Analysis of the Working Principle of SLIC Voice Chip

In today's interconnected world, voice technology has permeated critical domains including network communications, digital devices (such as smartphones and computers), smart home appliances, and in-vehicle navigation systems. As the core component of voice technology, Voice Chips have gained widespread popularity for their compact size and superior performance. This article will analyze the working principles of Voice Chips from their underlying logic, aiming to provide valuable insights.
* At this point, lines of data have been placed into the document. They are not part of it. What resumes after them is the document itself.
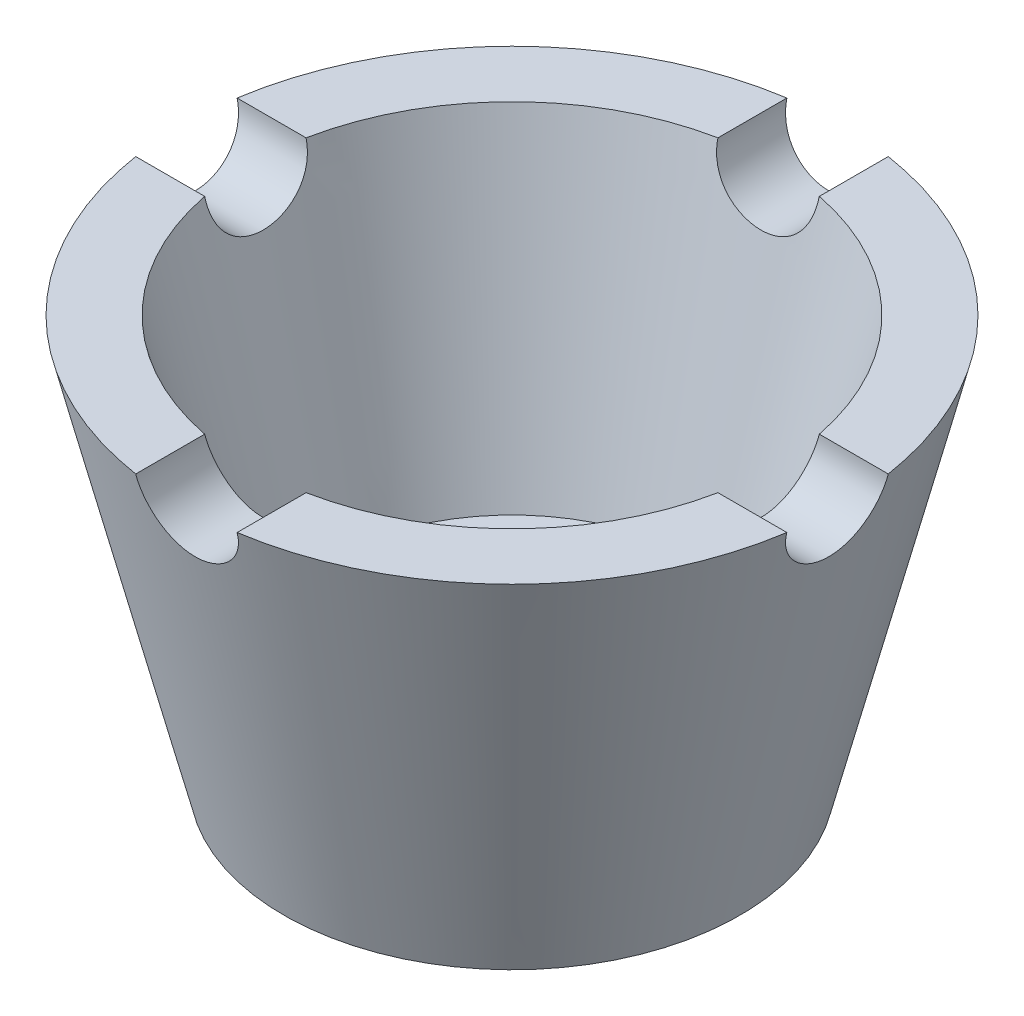
from build123d import *

# Parameters (mm, degrees)
SKETCH2_R          = 12.5
CUT_EXTRUDE1_DEPTH = 10
CUT_EXTRUDE2_DEPTH = 40
CIRPATTERN1_COUNT  = 4


with BuildPart() as part:
    # Sketch1 → Revolve1 (revolve)
    with BuildSketch(Plane.XY, mode=Mode.PRIVATE) as revolve1_sk:
        Polygon((32.5, 20), (22.5, -20), (0, -20), (0, -10), (18.299953358, -10), (25.799953358, 20), align=None)
    revolve(revolve1_sk.sketch.rotate(Axis((0, 20, 0), (0, -1, 0)), 180), axis=Axis((0, 20, 0), (0, -1, 0)))

    # Sketch2 → Cut-Extrude1 (cut)
    with BuildSketch(Plane(origin=(0, -10, 0), x_dir=(1, 0, 0), z_dir=(0, 1, 0))):
        with Locations(Location((0, 0, 0), (0, 0, 180))):
            Circle(SKETCH2_R)
    extrude(amount=-CUT_EXTRUDE1_DEPTH, mode=Mode.SUBTRACT)

    # Sketch4 → Cut-Extrude2 (cut, symmetric)
    with BuildSketch(Plane.XY):
        with BuildLine():
            Line((-5, 20), (5, 20))
            ThreePointArc((5, 20), (0, 15), (-5, 20))
        make_face()
    cut_extrude2 = extrude(amount=CUT_EXTRUDE2_DEPTH, both=True, mode=Mode.SUBTRACT)

    # CirPattern1: Cut-Extrude2 ×4 about axis
    cirpattern1_axis = Axis((0, -20, 0), (0, 1, 0))
    for i in range(1, CIRPATTERN1_COUNT):
        add(cut_extrude2.rotate(cirpattern1_axis, i * 360 / CIRPATTERN1_COUNT), mode=Mode.SUBTRACT)


solid = part.part

1. Basic Principle of SLIC Voice Chip

Voice Chip, also known as Voice Integrated Circuit (Voice IC), is a specialized integrated circuit designed to process and convert voice signals. It primarily consists of three components: microphone input circuit, audio processor, and speaker output circuit. The microphone input circuit converts sound signals into electrical signals, while the audio processor analyzes, processes, and encodes these signals to enable speech recognition and synthesis. The speaker output circuit then converts the processed voice signals into sound waves, which are emitted through the speaker.

Due to technological constraints, Voice Chip has long relied on imports. In China, Zhejiang Saisi Electronic Technology Co., Ltd. is the only company capable of independently developing Voice Chip. Its self-developed single and dual-channel SLIC chips provide all necessary components for a complete analog telephone interface, including SLIC, codec, and DTMF detection functions.

II. Speech Recognition Process

Speech recognition is a key feature of Voice Chip, converting human voice commands into digital signals that computers can process. The process mainly involves the following steps:

1. Preprocessing: The Voice Chip first performs preprocessing on the input voice signal, including background noise removal and echo cancellation, to enhance the quality of the voice signal.

2. Feature Extraction: The Voice Chip then extracts key features from the preprocessed speech signal to aid in recognition, including pitch, speech rate, and intonation.

3. Matching and Judgment: The Voice Chip then matches the extracted features against a pre-built speech model to determine if the input voice command meets the criteria. If the match is successful, the Voice Chip generates the corresponding command; otherwise, it proceeds to the next matching attempt.

III. Speech Synthesis Process

In addition to recognition, Voice Chip can also convert computer-generated text information into speech signals, which is known as speech synthesis. The process of speech synthesis mainly includes the following steps:

1. Text preprocessing: The Voice Chip first performs preprocessing on the input text, including word segmentation and part-of-speech tagging, to facilitate subsequent processing.

2. Parameter settings: The Voice Chip then configures parameters like voice timbre and speech rate based on the preprocessed text data.

3. Pronunciation Simulation: The Voice Chip then generates corresponding speech signals by simulating the movement trajectories of vocal organs based on preset parameters.

4. Synthetic Output: Finally, the Voice Chip outputs the synthesized voice signal through the speaker to enable user interaction.

In the selection of voice chips, the currently well-known domestic products mainly include Saisi's single-channel SLIC chips and dual-channel SLIC chips.

IV. Summary

The analysis above demonstrates that SLIC Voice Chip's functionality primarily involves two key aspects: speech recognition and speech synthesis, both powered by specialized technology. Therefore, when selecting a Voice Chip, we should prioritize the comprehensive capabilities of leading manufacturers and the robust performance of their products.